= Multiplicative group =

Mathematical structure with multiplication as its operation

In mathematics and group theory, the term multiplicative group refers to one of the following concepts:
- the group under multiplication of the invertible elements of a field, ring, or other structure for which one of its operations is referred to as multiplication. In the case of a field F, the group is (F ∖ , •), where 0 refers to the zero element of F and the binary operation • is the field multiplication,
- the algebraic torus GL(1).

== Examples ==
- The multiplicative group of integers modulo n is the group under multiplication of the invertible elements of $\mathbf{Z}/n\mathbf{Z}$. When n is not prime, there are elements other than zero that are not invertible.
- The multiplicative group of positive real numbers $\mathbf{R}^+$ is an abelian group with 1 as its identity element. The logarithm is a group isomorphism of this group to the additive group of real numbers, $\mathbf{R}$.
- The multiplicative group of a field $F$ is the set of all nonzero elements: $F^\times = F \smallsetminus \{0\}$, under the multiplication operation. If $F$ is finite of order q (for example q = p a prime, and $F = \mathbb F_p=\mathbf{Z}/p\mathbf{Z}$), then the multiplicative group is cyclic: $F^\times \cong \mathrm{C}_{q-1}$.

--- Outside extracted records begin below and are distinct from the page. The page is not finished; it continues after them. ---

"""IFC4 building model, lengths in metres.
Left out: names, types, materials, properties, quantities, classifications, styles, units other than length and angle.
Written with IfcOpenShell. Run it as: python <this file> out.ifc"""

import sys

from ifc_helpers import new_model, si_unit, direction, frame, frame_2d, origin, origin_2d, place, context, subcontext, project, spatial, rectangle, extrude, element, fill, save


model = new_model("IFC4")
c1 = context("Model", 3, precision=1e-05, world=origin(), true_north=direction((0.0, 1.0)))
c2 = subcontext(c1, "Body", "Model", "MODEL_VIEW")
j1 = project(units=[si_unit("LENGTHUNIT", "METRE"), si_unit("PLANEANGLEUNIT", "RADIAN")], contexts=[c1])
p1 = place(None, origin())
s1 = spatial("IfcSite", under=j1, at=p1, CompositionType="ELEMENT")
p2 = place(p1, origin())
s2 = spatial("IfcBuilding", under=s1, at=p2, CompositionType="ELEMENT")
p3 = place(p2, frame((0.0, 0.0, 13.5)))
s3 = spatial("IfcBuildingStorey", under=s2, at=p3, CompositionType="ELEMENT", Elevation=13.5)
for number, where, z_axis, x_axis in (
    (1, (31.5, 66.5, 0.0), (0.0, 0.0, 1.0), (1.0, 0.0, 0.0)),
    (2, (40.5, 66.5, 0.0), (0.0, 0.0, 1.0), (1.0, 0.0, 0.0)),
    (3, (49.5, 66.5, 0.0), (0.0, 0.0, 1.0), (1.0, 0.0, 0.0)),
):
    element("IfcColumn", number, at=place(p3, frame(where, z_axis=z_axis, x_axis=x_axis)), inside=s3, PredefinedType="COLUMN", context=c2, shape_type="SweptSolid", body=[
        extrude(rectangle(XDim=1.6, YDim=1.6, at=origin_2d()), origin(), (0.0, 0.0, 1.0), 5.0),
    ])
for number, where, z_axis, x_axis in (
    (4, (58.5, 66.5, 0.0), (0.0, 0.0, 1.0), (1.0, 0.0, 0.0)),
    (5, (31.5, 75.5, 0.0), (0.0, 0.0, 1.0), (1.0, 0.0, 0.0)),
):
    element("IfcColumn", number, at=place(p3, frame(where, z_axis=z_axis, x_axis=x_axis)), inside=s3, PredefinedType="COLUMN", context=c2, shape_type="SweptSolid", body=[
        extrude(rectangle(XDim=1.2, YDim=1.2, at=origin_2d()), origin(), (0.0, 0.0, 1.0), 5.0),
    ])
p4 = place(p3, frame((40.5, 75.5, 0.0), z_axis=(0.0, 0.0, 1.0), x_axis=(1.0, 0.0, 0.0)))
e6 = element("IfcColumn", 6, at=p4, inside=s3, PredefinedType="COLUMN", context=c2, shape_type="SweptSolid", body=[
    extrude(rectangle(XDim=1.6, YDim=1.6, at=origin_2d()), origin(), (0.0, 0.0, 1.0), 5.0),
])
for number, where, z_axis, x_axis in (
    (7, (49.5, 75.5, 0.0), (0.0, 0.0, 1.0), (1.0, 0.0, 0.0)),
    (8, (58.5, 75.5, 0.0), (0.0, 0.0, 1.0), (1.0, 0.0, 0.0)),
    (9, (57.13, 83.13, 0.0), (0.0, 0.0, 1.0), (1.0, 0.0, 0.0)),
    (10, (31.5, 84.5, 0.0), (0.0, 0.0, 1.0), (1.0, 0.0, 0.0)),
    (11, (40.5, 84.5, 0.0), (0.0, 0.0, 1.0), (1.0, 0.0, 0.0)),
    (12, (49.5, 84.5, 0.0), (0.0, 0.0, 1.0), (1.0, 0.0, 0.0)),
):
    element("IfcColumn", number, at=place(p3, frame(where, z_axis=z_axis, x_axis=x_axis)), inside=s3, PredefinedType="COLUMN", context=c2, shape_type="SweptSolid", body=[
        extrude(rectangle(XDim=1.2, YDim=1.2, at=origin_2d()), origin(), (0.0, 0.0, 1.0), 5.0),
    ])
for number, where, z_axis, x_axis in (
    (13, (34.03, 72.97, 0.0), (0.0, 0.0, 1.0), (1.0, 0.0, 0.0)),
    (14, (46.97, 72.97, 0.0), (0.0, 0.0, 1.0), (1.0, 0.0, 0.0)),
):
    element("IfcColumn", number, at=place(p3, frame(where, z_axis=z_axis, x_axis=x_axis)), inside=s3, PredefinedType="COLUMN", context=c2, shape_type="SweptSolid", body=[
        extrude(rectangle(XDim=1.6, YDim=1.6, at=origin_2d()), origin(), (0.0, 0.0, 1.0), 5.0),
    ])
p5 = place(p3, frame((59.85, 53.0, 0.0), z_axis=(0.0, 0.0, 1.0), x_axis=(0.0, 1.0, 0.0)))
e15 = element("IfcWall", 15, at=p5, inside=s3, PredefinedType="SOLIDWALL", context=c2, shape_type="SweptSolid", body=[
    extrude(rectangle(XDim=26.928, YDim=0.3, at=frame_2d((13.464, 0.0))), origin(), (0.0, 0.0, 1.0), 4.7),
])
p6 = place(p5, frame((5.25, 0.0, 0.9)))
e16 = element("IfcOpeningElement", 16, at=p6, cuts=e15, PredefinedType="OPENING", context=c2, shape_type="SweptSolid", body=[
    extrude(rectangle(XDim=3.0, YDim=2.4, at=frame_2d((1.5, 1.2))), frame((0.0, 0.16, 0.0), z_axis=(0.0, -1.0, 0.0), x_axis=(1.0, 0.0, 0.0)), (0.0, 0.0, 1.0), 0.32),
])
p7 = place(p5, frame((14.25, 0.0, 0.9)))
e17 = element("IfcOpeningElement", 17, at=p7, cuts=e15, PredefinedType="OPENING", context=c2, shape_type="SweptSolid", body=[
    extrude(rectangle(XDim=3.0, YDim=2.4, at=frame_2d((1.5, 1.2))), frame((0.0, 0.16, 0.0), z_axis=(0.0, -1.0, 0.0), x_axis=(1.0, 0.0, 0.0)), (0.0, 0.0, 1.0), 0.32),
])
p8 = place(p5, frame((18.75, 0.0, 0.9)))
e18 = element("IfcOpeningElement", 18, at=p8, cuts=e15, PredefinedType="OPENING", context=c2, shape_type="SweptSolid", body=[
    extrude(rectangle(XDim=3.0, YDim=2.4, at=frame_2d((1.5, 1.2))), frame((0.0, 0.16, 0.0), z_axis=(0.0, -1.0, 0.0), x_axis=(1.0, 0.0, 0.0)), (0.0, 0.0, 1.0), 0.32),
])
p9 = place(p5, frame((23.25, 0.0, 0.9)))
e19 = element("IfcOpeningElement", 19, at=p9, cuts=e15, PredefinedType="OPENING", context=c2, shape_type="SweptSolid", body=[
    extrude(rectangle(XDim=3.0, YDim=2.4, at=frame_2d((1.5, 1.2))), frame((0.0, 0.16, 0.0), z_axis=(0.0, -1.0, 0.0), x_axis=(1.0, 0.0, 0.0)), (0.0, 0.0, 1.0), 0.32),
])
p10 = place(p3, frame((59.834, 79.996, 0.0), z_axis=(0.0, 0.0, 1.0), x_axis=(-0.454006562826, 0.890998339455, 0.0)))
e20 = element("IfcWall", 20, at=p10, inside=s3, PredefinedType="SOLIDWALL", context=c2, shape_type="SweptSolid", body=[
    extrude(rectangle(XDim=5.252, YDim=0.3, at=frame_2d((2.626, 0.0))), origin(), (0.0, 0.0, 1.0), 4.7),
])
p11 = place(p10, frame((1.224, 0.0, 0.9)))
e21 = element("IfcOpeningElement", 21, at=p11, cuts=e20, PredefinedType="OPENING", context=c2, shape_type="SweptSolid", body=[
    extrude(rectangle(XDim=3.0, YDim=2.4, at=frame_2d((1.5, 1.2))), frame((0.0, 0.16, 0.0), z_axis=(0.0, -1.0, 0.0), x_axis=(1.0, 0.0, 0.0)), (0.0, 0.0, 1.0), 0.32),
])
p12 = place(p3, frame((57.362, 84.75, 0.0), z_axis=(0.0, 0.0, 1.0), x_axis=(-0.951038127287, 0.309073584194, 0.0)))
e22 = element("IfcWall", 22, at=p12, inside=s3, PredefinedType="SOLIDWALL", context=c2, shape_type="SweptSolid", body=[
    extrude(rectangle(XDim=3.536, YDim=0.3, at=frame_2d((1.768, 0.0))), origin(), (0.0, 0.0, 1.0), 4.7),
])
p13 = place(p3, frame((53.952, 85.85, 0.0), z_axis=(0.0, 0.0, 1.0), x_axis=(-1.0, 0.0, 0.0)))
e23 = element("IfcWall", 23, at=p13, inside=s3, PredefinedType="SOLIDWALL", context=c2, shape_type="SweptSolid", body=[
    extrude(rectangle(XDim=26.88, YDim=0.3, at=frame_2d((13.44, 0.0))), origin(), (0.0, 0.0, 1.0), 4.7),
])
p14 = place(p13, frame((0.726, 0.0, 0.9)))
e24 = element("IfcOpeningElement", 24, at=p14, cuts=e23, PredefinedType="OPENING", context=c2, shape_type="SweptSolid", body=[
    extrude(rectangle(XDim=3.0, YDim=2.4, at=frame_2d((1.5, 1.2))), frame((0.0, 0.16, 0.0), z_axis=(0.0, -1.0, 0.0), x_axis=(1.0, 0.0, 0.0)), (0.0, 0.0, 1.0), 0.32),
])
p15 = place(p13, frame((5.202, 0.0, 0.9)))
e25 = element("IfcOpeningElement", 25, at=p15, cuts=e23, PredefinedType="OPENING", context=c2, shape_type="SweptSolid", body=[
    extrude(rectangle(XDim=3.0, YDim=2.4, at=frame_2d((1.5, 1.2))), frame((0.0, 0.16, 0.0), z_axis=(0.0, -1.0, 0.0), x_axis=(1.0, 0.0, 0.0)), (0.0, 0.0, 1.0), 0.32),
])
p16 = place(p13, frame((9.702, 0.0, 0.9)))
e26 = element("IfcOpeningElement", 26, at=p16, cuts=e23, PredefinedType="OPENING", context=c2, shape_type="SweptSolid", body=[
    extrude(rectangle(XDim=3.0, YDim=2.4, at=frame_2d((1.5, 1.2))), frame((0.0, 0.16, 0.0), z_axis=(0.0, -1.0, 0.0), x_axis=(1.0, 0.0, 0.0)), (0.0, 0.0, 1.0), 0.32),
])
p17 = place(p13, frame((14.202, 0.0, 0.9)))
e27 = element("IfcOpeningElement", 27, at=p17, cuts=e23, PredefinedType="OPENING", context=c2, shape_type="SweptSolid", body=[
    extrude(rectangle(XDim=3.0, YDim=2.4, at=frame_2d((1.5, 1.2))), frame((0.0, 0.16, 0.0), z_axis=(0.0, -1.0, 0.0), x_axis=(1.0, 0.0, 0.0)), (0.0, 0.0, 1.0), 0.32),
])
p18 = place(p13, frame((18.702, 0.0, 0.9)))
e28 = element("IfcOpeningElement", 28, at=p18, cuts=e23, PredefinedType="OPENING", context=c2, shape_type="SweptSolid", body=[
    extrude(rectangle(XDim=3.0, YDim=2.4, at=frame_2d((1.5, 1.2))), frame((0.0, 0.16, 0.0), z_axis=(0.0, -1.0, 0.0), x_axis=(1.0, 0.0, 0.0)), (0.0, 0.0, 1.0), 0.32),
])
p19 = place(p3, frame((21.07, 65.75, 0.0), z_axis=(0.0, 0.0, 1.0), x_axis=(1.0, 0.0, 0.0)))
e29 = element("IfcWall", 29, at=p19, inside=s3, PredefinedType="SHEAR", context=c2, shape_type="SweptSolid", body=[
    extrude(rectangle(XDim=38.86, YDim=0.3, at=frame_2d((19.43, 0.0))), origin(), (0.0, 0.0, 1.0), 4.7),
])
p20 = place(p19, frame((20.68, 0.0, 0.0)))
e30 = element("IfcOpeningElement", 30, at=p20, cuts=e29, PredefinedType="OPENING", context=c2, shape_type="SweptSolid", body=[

== Group scheme of roots of unity ==
The group scheme of nth roots of unity is by definition the kernel of the n-power map on the multiplicative group GL(1), considered as a group scheme. That is, for any integer n > 1 we can consider the morphism on the multiplicative group that takes nth powers, and take an appropriate fiber product of schemes, with the morphism e that serves as the identity.

The resulting group scheme is written μ_{n} (or $\mu\!\!\mu_n$). It gives rise to a reduced scheme, when we take it over a field K, if and only if the characteristic of K does not divide n. This makes it a source of some key examples of non-reduced schemes (schemes with nilpotent elements in their structure sheaves); for example μ_{p} over a finite field with p elements for any prime number p.

This phenomenon is not easily expressed in the classical language of algebraic geometry. For example, it turns out to be of major importance in expressing the duality theory of abelian varieties in characteristic p (theory of Pierre Cartier). The Galois cohomology of this group scheme is a way of expressing Kummer theory.